Para os advogados Cláudio Pereira de Souza Neto e Beatriz Veríssimo de Sena, que representam o Sintergia, a campanha publicitária iniciada pelo Governo Federal especialmente nas redes sociais “é flagrantemente ilegal e imoral”. As postagens, segundo os advogados, se referem à Eletrobrás como uma empresa que não atinge suas metas ou que está em extrema dificuldade financeira, o que não corresponde à realidade.

“É clara a intenção da União em angariar apoio popular para concretizar seu plano de desestatização da Eletrobrás, sacrificando a honra e a imagem públicas dos trabalhadores da empresa, se utilizando covardemente de perfis oficiais do MME em redes sociais para atacar, difamar e ofender gratuitamente”, afirma Souza Neto.

Na inicial da ação, o sindicato aponta que a União, através de contas oficiais do Ministério de Minas e Energia – MME nas redes sociais Twitter e Facebook, passou a difamar os empregados da empresa com frases como “Sabe porque [sic] sua conta de luz está alta? Porque [sic] você assumiu desde 2012 um reajuste de 499% na sua tarifa, tendo ainda milhares de funcionários desnecessários da Eletrobras (e de suas distribuidoras) e outros cheios de privilégios recebendo salários fora do padrão. #MME”.

Os trabalhadores afirmam ainda que a publicação “deste tipo de ofensa em um mundo virtual onde

todas as informações transitam em uma velocidade absurdamente alta gera danos irreversíveis, pois a replicação desordenada das ofensas permanece por tempo indeterminado, mesmo após a exclusão das postagens. Multiplica-se e perpetua-se, assim, o dano causado”.

Para o Sindicato, a natureza da publicidade veiculada deixa claro que não pretende o Poder Público “estimular a participação da sociedade no debate e na formulação de políticas públicas”. “A publicidade veicula uma opinião inteiramente formada sobre o mérito da privatização da Eletrobrás, sem abrir qualquer espaço para a expressão de opiniões contrárias e, eventualmente, fomentar o debate público sobre seus méritos”.

Informação

A defesa do Sintergia também ajuizou uma Ação de Antecipação de Provas perante a Justiça do Rio de Janeiro pedindo acesso a documentos que teriam relação com o processo de desestatização da Eletrobras. O sindicato diz ter legitimidade para pleitear as informações por ser acionista minoritário.

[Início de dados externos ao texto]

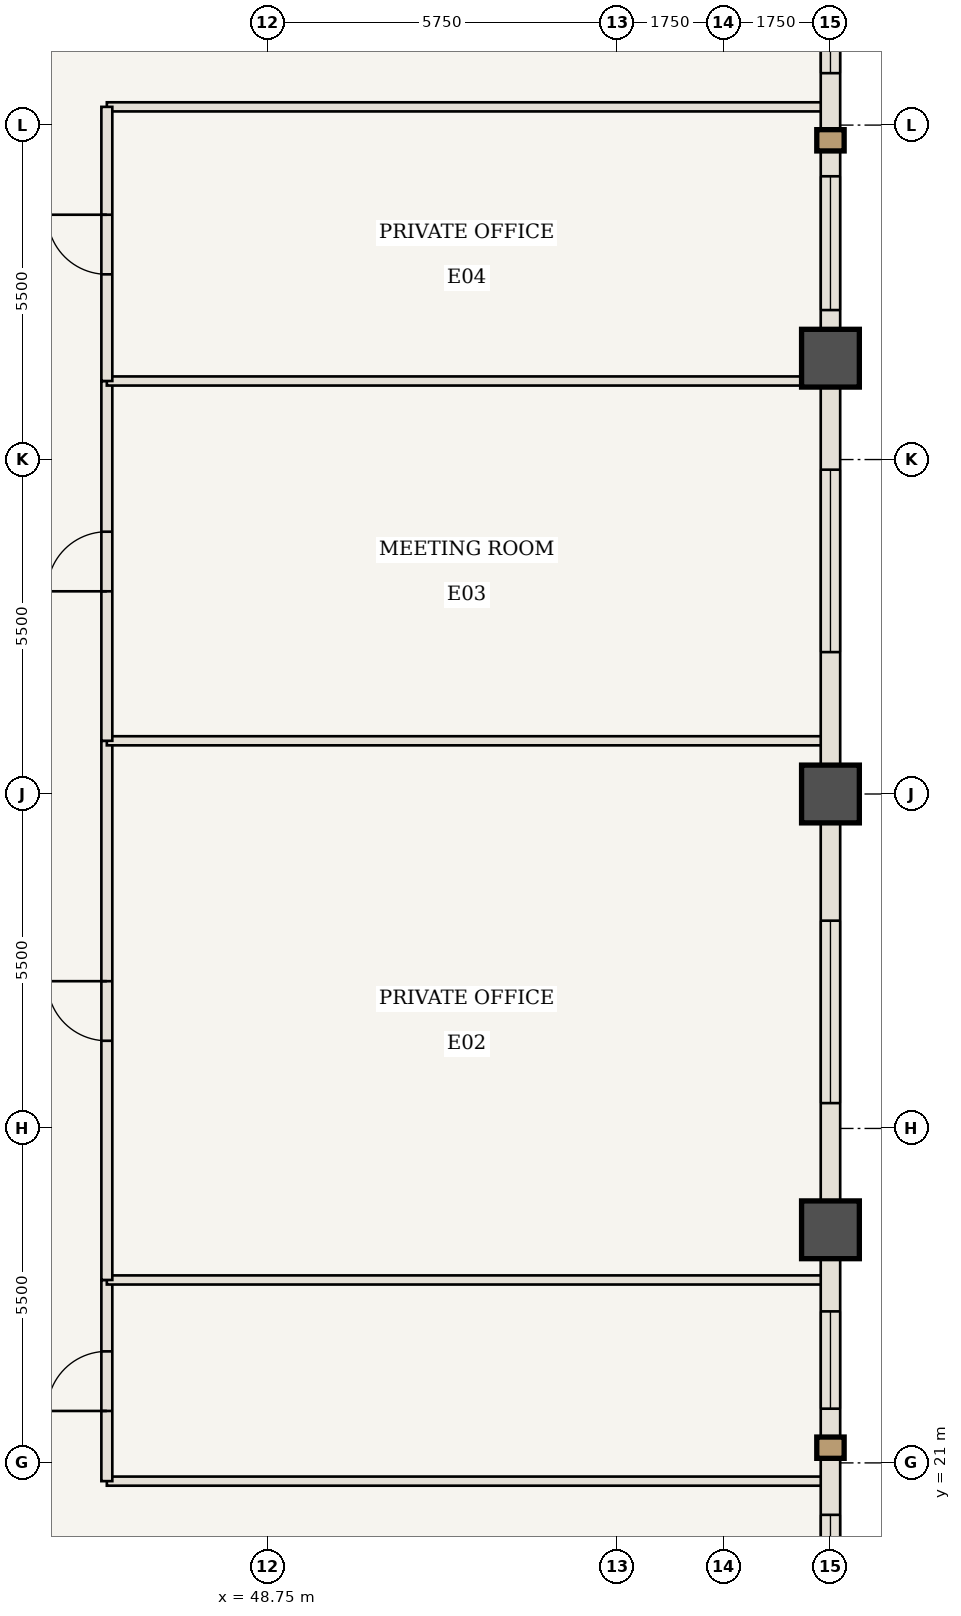
"""IFC4 building model, lengths in metres.
Left out: names, types, materials, properties, quantities, classifications, styles, units other than length and angle.
Written with IfcOpenShell. Run it as: python <this file> out.ifc"""

import sys

from ifc_helpers import new_model, si_unit, direction, frame, frame_2d, origin, origin_2d, place, context, subcontext, project, spatial, rectangle, extrude, element, fill, save


model = new_model("IFC4")
c1 = context("Model", 3, precision=1e-05, world=origin(), true_north=direction((0.0, 1.0)))
c2 = subcontext(c1, "Body", "Model", "MODEL_VIEW")
j1 = project(units=[si_unit("LENGTHUNIT", "METRE"), si_unit("PLANEANGLEUNIT", "RADIAN")], contexts=[c1])
p1 = place(None, origin())
s1 = spatial("IfcSite", under=j1, at=p1, CompositionType="ELEMENT")
p2 = place(p1, origin())
s2 = spatial("IfcBuilding", under=s1, at=p2, CompositionType="ELEMENT")
p3 = place(p2, frame((0.0, 0.0, 145.25)))
s3 = spatial("IfcBuildingStorey", under=s2, at=p3, CompositionType="ELEMENT", Elevation=145.25)
for number, where, z_axis, x_axis in (
    (1, (58.0, 24.833, 0.0), (0.0, 0.0, 1.0), (1.0, 0.0, 0.0)),
    (2, (58.0, 32.0, 0.0), (0.0, 0.0, 1.0), (1.0, 0.0, 0.0)),
    (3, (58.0, 39.167, 0.0), (0.0, 0.0, 1.0), (1.0, 0.0, 0.0)),
):
    element("IfcColumn", number, at=place(p3, frame(where, z_axis=z_axis, x_axis=x_axis)), inside=s3, PredefinedType="COLUMN", context=c2, shape_type="SweptSolid", body=[
        extrude(rectangle(XDim=0.95, YDim=0.95, at=origin_2d()), origin(), (0.0, 0.0, 1.0), 3.85),
    ])
for number, where, z_axis, x_axis in (
    (4, (46.1, 20.7, 0.0), (0.0, 0.0, 1.0), (1.0, 0.0, 0.0)),
    (5, (46.1, 43.3, 0.0), (0.0, 0.0, 1.0), (1.0, 0.0, 0.0)),
):
    element("IfcWall", number, at=place(p3, frame(where, z_axis=z_axis, x_axis=x_axis)), inside=s3, PredefinedType="STANDARD", context=c2, shape_type="SweptSolid", body=[
        extrude(rectangle(XDim=11.84, YDim=0.15, at=frame_2d((5.92, 0.0))), origin(), (0.0, 0.0, 1.0), 3.056),
    ])
p4 = place(p3, frame((46.1, 20.7, 0.0), z_axis=(0.0, 0.0, 1.0), x_axis=(0.0, 1.0, 0.0)))
e6 = element("IfcWall", 6, at=p4, inside=s3, PredefinedType="STANDARD", context=c2, shape_type="SweptSolid", body=[
    extrude(rectangle(XDim=3.308, YDim=0.18, at=frame_2d((1.654, 0.0))), origin(), (0.0, 0.0, 1.0), 3.685),
])
p5 = place(p4, frame((1.154, 0.0, 0.0)))
e7 = element("IfcOpeningElement", 7, at=p5, cuts=e6, PredefinedType="OPENING", context=c2, shape_type="SweptSolid", body=[
    extrude(rectangle(XDim=0.98, YDim=2.2, at=frame_2d((0.49, 1.1))), frame((0.0, 0.1, 0.0), z_axis=(0.0, -1.0, 0.0), x_axis=(1.0, 0.0, 0.0)), (0.0, 0.0, 1.0), 0.2),
])
p6 = place(p3, frame((46.1, 24.008, 0.0), z_axis=(0.0, 0.0, 1.0), x_axis=(1.0, 0.0, 0.0)))
e8 = element("IfcWall", 8, at=p6, inside=s3, PredefinedType="STANDARD", context=c2, shape_type="SweptSolid", body=[
    extrude(rectangle(XDim=11.84, YDim=0.15, at=frame_2d((5.92, 0.0))), origin(), (0.0, 0.0, 1.0), 3.685),
])
p7 = place(p3, frame((46.1, 24.008, 0.0), z_axis=(0.0, 0.0, 1.0), x_axis=(0.0, 1.0, 0.0)))
e9 = element("IfcWall", 9, at=p7, inside=s3, PredefinedType="STANDARD", context=c2, shape_type="SweptSolid", body=[
    extrude(rectangle(XDim=8.867, YDim=0.18, at=frame_2d((4.433, 0.0))), origin(), (0.0, 0.0, 1.0), 3.685),
])
p8 = place(p7, frame((3.933, 0.0, 0.0)))
e10 = element("IfcOpeningElement", 10, at=p8, cuts=e9, PredefinedType="OPENING", context=c2, shape_type="SweptSolid", body=[
    extrude(rectangle(XDim=0.98, YDim=2.2, at=frame_2d((0.49, 1.1))), frame((0.0, 0.1, 0.0), z_axis=(0.0, -1.0, 0.0), x_axis=(1.0, 0.0, 0.0)), (0.0, 0.0, 1.0), 0.2),
])
p9 = place(p3, frame((46.1, 32.875, 0.0), z_axis=(0.0, 0.0, 1.0), x_axis=(1.0, 0.0, 0.0)))
e11 = element("IfcWall", 11, at=p9, inside=s3, PredefinedType="STANDARD", context=c2, shape_type="SweptSolid", body=[
    extrude(rectangle(XDim=11.84, YDim=0.15, at=frame_2d((5.92, 0.0))), origin(), (0.0, 0.0, 1.0), 3.685),
])
p10 = place(p3, frame((46.1, 32.875, 0.0), z_axis=(0.0, 0.0, 1.0), x_axis=(0.0, 1.0, 0.0)))
e12 = element("IfcWall", 12, at=p10, inside=s3, PredefinedType="STANDARD", context=c2, shape_type="SweptSolid", body=[
    extrude(rectangle(XDim=5.917, YDim=0.18, at=frame_2d((2.958, 0.0))), origin(), (0.0, 0.0, 1.0), 3.685),
])
p11 = place(p10, frame((2.458, 0.0, 0.0)))
e13 = element("IfcOpeningElement", 13, at=p11, cuts=e12, PredefinedType="OPENING", context=c2, shape_type="SweptSolid", body=[
    extrude(rectangle(XDim=0.98, YDim=2.2, at=frame_2d((0.49, 1.1))), frame((0.0, 0.1, 0.0), z_axis=(0.0, -1.0, 0.0), x_axis=(1.0, 0.0, 0.0)), (0.0, 0.0, 1.0), 0.2),
])
p12 = place(p3, frame((46.1, 38.792, 0.0), z_axis=(0.0, 0.0, 1.0), x_axis=(1.0, 0.0, 0.0)))
e14 = element("IfcWall", 14, at=p12, inside=s3, PredefinedType="STANDARD", context=c2, shape_type="SweptSolid", body=[
    extrude(rectangle(XDim=11.84, YDim=0.15, at=frame_2d((5.92, 0.0))), origin(), (0.0, 0.0, 1.0), 3.685),
])
p13 = place(p3, frame((46.1, 38.792, 0.0), z_axis=(0.0, 0.0, 1.0), x_axis=(0.0, 1.0, 0.0)))
e15 = element("IfcWall", 15, at=p13, inside=s3, PredefinedType="STANDARD", context=c2, shape_type="SweptSolid", body=[
    extrude(rectangle(XDim=4.508, YDim=0.18, at=frame_2d((2.254, 0.0))), origin(), (0.0, 0.0, 1.0), 3.685),
])
p14 = place(p13, frame((1.754, 0.0, 0.0)))
e16 = element("IfcOpeningElement", 16, at=p14, cuts=e15, PredefinedType="OPENING", context=c2, shape_type="SweptSolid", body=[
    extrude(rectangle(XDim=0.98, YDim=2.2, at=frame_2d((0.49, 1.1))), frame((0.0, 0.1, 0.0), z_axis=(0.0, -1.0, 0.0), x_axis=(1.0, 0.0, 0.0)), (0.0, 0.0, 1.0), 0.2),
])
p15 = place(p3, frame((58.0, 24.833, 0.0), z_axis=(0.0, 0.0, 1.0), x_axis=(0.0, -1.0, 0.0)))
e17 = element("IfcWall", 17, at=p15, inside=s3, PredefinedType="USERDEFINED", context=c2, shape_type="SweptSolid", body=[
    extrude(rectangle(XDim=7.167, YDim=0.32, at=frame_2d((3.583, 0.0))), origin(), (0.0, 0.0, 1.0), 2.885),
])
p16 = place(p15, frame((1.342, 0.0, 0.85)))
e18 = element("IfcOpeningElement", 18, at=p16, cuts=e17, PredefinedType="OPENING", context=c2, shape_type="SweptSolid", body=[
    extrude(rectangle(XDim=1.6, YDim=1.835, at=frame_2d((0.8, 0.917))), frame((0.0, 0.17, 0.0), z_axis=(0.0, -1.0, 0.0), x_axis=(1.0, 0.0, 0.0)), (0.0, 0.0, 1.0), 0.34),
])
p17 = place(p15, frame((4.688, 0.0, 0.85)))
e19 = element("IfcOpeningElement", 19, at=p17, cuts=e17, PredefinedType="OPENING", context=c2, shape_type="SweptSolid", body=[
    extrude(rectangle(XDim=1.6, YDim=1.835, at=frame_2d((0.8, 0.917))), frame((0.0, 0.17, 0.0), z_axis=(0.0, -1.0, 0.0), x_axis=(1.0, 0.0, 0.0)), (0.0, 0.0, 1.0), 0.34),
])
p18 = place(p3, frame((58.0, 32.0, 0.0), z_axis=(0.0, 0.0, 1.0), x_axis=(0.0, -1.0, 0.0)))
e20 = element("IfcWall", 20, at=p18, inside=s3, PredefinedType="USERDEFINED", context=c2, shape_type="SweptSolid", body=[
    extrude(rectangle(XDim=7.167, YDim=0.32, at=frame_2d((3.583, 0.0))), origin(), (0.0, 0.0, 1.0), 2.885),
])
p19 = place(p18, frame((2.083, 0.0, 0.85)))
e21 = element("IfcOpeningElement", 21, at=p19, cuts=e20, PredefinedType="OPENING", context=c2, shape_type="SweptSolid", body=[
    extrude(rectangle(XDim=3.0, YDim=1.835, at=frame_2d((1.5, 0.917))), frame((0.0, 0.17, 0.0), z_axis=(0.0, -1.0, 0.0), x_axis=(1.0, 0.0, 0.0)), (0.0, 0.0, 1.0), 0.34),
])
p20 = place(p3, frame((58.0, 39.167, 0.0), z_axis=(0.0, 0.0, 1.0), x_axis=(0.0, -1.0, 0.0)))
e22 = element("IfcWall", 22, at=p20, inside=s3, PredefinedType="USERDEFINED", context=c2, shape_type="SweptSolid", body=[
    extrude(rectangle(XDim=7.167, YDim=0.32, at=frame_2d((3.583, 0.0))), origin(), (0.0, 0.0, 1.0), 2.885),
])
p21 = place(p20, frame((1.833, 0.0, 0.85)))
e23 = element("IfcOpeningElement", 23, at=p21, cuts=e22, PredefinedType="OPENING", context=c2, shape_type="SweptSolid", body=[
    extrude(rectangle(XDim=3.0, YDim=1.835, at=frame_2d((1.5, 0.917))), frame((0.0, 0.17, 0.0), z_axis=(0.0, -1.0, 0.0), x_axis=(1.0, 0.0, 0.0)), (0.0, 0.0, 1.0), 0.34),
])
p22 = place(p3, frame((58.0, 46.333, 0.0), z_axis=(0.0, 0.0, 1.0), x_axis=(0.0, -1.0, 0.0)))
e24 = element("IfcWall", 24, at=p22, inside=s3, PredefinedType="USERDEFINED", context=c2, shape_type="SweptSolid", body=[
    extrude(rectangle(XDim=7.167, YDim=0.32, at=frame_2d((3.583, 0.0))), origin(), (0.0, 0.0, 1.0), 2.885),
])
p23 = place(p22, frame((0.879, 0.0, 0.85)))
e25 = element("IfcOpeningElement", 25, at=p23, cuts=e24, PredefinedType="OPENING", context=c2, shape_type="SweptSolid", body=[
    extrude(rectangle(XDim=1.6, YDim=1.835, at=frame_2d((0.8, 0.917))), frame((0.0, 0.17, 0.0), z_axis=(0.0, -1.0, 0.0), x_axis=(1.0, 0.0, 0.0)), (0.0, 0.0, 1.0), 0.34),
])
p24 = place(p22, frame((4.175, 0.0, 0.85)))
e26 = element("IfcOpeningElement", 26, at=p24, cuts=e24, PredefinedType="OPENING", context=c2, shape_type="SweptSolid", body=[
    extrude(rectangle(XDim=2.2, YDim=1.835, at=frame_2d((1.1, 0.917))), frame((0.0, 0.17, 0.0), z_axis=(0.0, -1.0, 0.0), x_axis=(1.0, 0.0, 0.0)), (0.0, 0.0, 1.0), 0.34),
])
p25 = place(p5, origin())
e27 = element("IfcDoor", 27, at=p25, inside=s3, OperationType="SINGLE_SWING_LEFT", PredefinedType="DOOR", context=c2, shape_type="SweptSolid", body=[
    extrude(rectangle(XDim=0.98, YDim=2.2, at=frame_2d((0.49, 1.1))), frame((0.0, 0.025, 0.0), z_axis=(0.0, -1.0, 0.0), x_axis=(1.0, 0.0, 0.0)), (0.0, 0.0, 1.0), 0.05),
])
fill(e7, e27)
p26 = place(p8, origin())
e28 = element("IfcDoor", 28, at=p26, inside=s3, OperationType="SINGLE_SWING_RIGHT", PredefinedType="DOOR", context=c2, shape_type="SweptSolid", body=[
    extrude(rectangle(XDim=0.98, YDim=2.2, at=frame_2d((0.49, 1.1))), frame((0.0, 0.025, 0.0), z_axis=(0.0, -1.0, 0.0), x_axis=(1.0, 0.0, 0.0)), (0.0, 0.0, 1.0), 0.05),
])
fill(e10, e28)
p27 = place(p11, origin())
e29 = element("IfcDoor", 29, at=p27, inside=s3, OperationType="SINGLE_SWING_LEFT", PredefinedType="DOOR", context=c2, shape_type="SweptSolid", body=[
    extrude(rectangle(XDim=0.98, YDim=2.2, at=frame_2d((0.49, 1.1))), frame((0.0, 0.025, 0.0), z_axis=(0.0, -1.0, 0.0), x_axis=(1.0, 0.0, 0.0)), (0.0, 0.0, 1.0), 0.05),
])
fill(e13, e29)
p28 = place(p14, origin())
e30 = element("IfcDoor", 30, at=p28, inside=s3, OperationType="SINGLE_SWING_RIGHT", PredefinedType="DOOR", context=c2, shape_type="SweptSolid", body=[
    extrude(rectangle(XDim=0.98, YDim=2.2, at=frame_2d((0.49, 1.1))), frame((0.0, 0.025, 0.0), z_axis=(0.0, -1.0, 0.0), x_axis=(1.0, 0.0, 0.0)), (0.0, 0.0, 1.0), 0.05),
])
fill(e16, e30)
p29 = place(p16, origin())
e31 = element("IfcWindow", 31, at=p29, inside=s3, PartitioningType="SINGLE_PANEL", PredefinedType="WINDOW", context=c2, shape_type="SweptSolid", body=[
    extrude(rectangle(XDim=1.6, YDim=1.835, at=frame_2d((0.8, 0.917))), frame((0.0, 0.03, 0.0), z_axis=(0.0, -1.0, 0.0), x_axis=(1.0, 0.0, 0.0)), (0.0, 0.0, 1.0), 0.06),
])
fill(e18, e31)
p30 = place(p17, origin())
e32 = element("IfcWindow", 32, at=p30, inside=s3, PartitioningType="SINGLE_PANEL", PredefinedType="WINDOW", context=c2, shape_type="SweptSolid", body=[
    extrude(rectangle(XDim=1.6, YDim=1.835, at=frame_2d((0.8, 0.917))), frame((0.0, 0.03, 0.0), z_axis=(0.0, -1.0, 0.0), x_axis=(1.0, 0.0, 0.0)), (0.0, 0.0, 1.0), 0.06),
])
fill(e19, e32)
p31 = place(p19, origin())
e33 = element("IfcWindow", 33, at=p31, inside=s3, PartitioningType="SINGLE_PANEL", PredefinedType="WINDOW", context=c2, shape_type="SweptSolid", body=[
    extrude(rectangle(XDim=3.0, YDim=1.835, at=frame_2d((1.5, 0.917))), frame((0.0, 0.03, 0.0), z_axis=(0.0, -1.0, 0.0), x_axis=(1.0, 0.0, 0.0)), (0.0, 0.0, 1.0), 0.06),
])
fill(e21, e33)
p32 = place(p21, origin())
e34 = element("IfcWindow", 34, at=p32, inside=s3, PartitioningType="SINGLE_PANEL", PredefinedType="WINDOW", context=c2, shape_type="SweptSolid", body=[
    extrude(rectangle(XDim=3.0, YDim=1.835, at=frame_2d((1.5, 0.917))), frame((0.0, 0.03, 0.0), z_axis=(0.0, -1.0, 0.0), x_axis=(1.0, 0.0, 0.0)), (0.0, 0.0, 1.0), 0.06),
])
fill(e23, e34)
p33 = place(p23, origin())
e35 = element("IfcWindow", 35, at=p33, inside=s3, PartitioningType="SINGLE_PANEL", PredefinedType="WINDOW", context=c2, shape_type="SweptSolid", body=[
    extrude(rectangle(XDim=1.6, YDim=1.835, at=frame_2d((0.8, 0.917))), frame((0.0, 0.03, 0.0), z_axis=(0.0, -1.0, 0.0), x_axis=(1.0, 0.0, 0.0)), (0.0, 0.0, 1.0), 0.06),
])
fill(e25, e35)
p34 = place(p24, origin())
e36 = element("IfcWindow", 36, at=p34, inside=s3, PartitioningType="SINGLE_PANEL", PredefinedType="WINDOW", context=c2, shape_type="SweptSolid", body=[
    extrude(rectangle(XDim=2.2, YDim=1.835, at=frame_2d((1.1, 0.917))), frame((0.0, 0.03, 0.0), z_axis=(0.0, -1.0, 0.0), x_axis=(1.0, 0.0, 0.0)), (0.0, 0.0, 1.0), 0.06),
])
fill(e26, e36)
save(model, sys.argv[1])

De acordo com a entidade, foram solicitadas via Lei de Acesso à Informação algumas cópias de contratos que teriam sido feitos sem licitação, mas a Eletrobras argumentou que não liberaria a documentação por se tratar de informação sensível à empresa. Trata-se da ação 0103750-83.2018.8.19.0001.

Caso o pedido do Sintergia seja julgado procedente, a Eletrobrás terá que apresentar as cópias de contratos firmados, por exemplo, com o banco BTG Pactual, Bocater, Camargo, Costa e Silva Rodrigues Advogados Associados, Souza, Cescon, Barrieu & Flesh Sociedade de Advogados e processos administrativos internos, que “instruíram a inelegibilidade de licitação para as contratações acima”.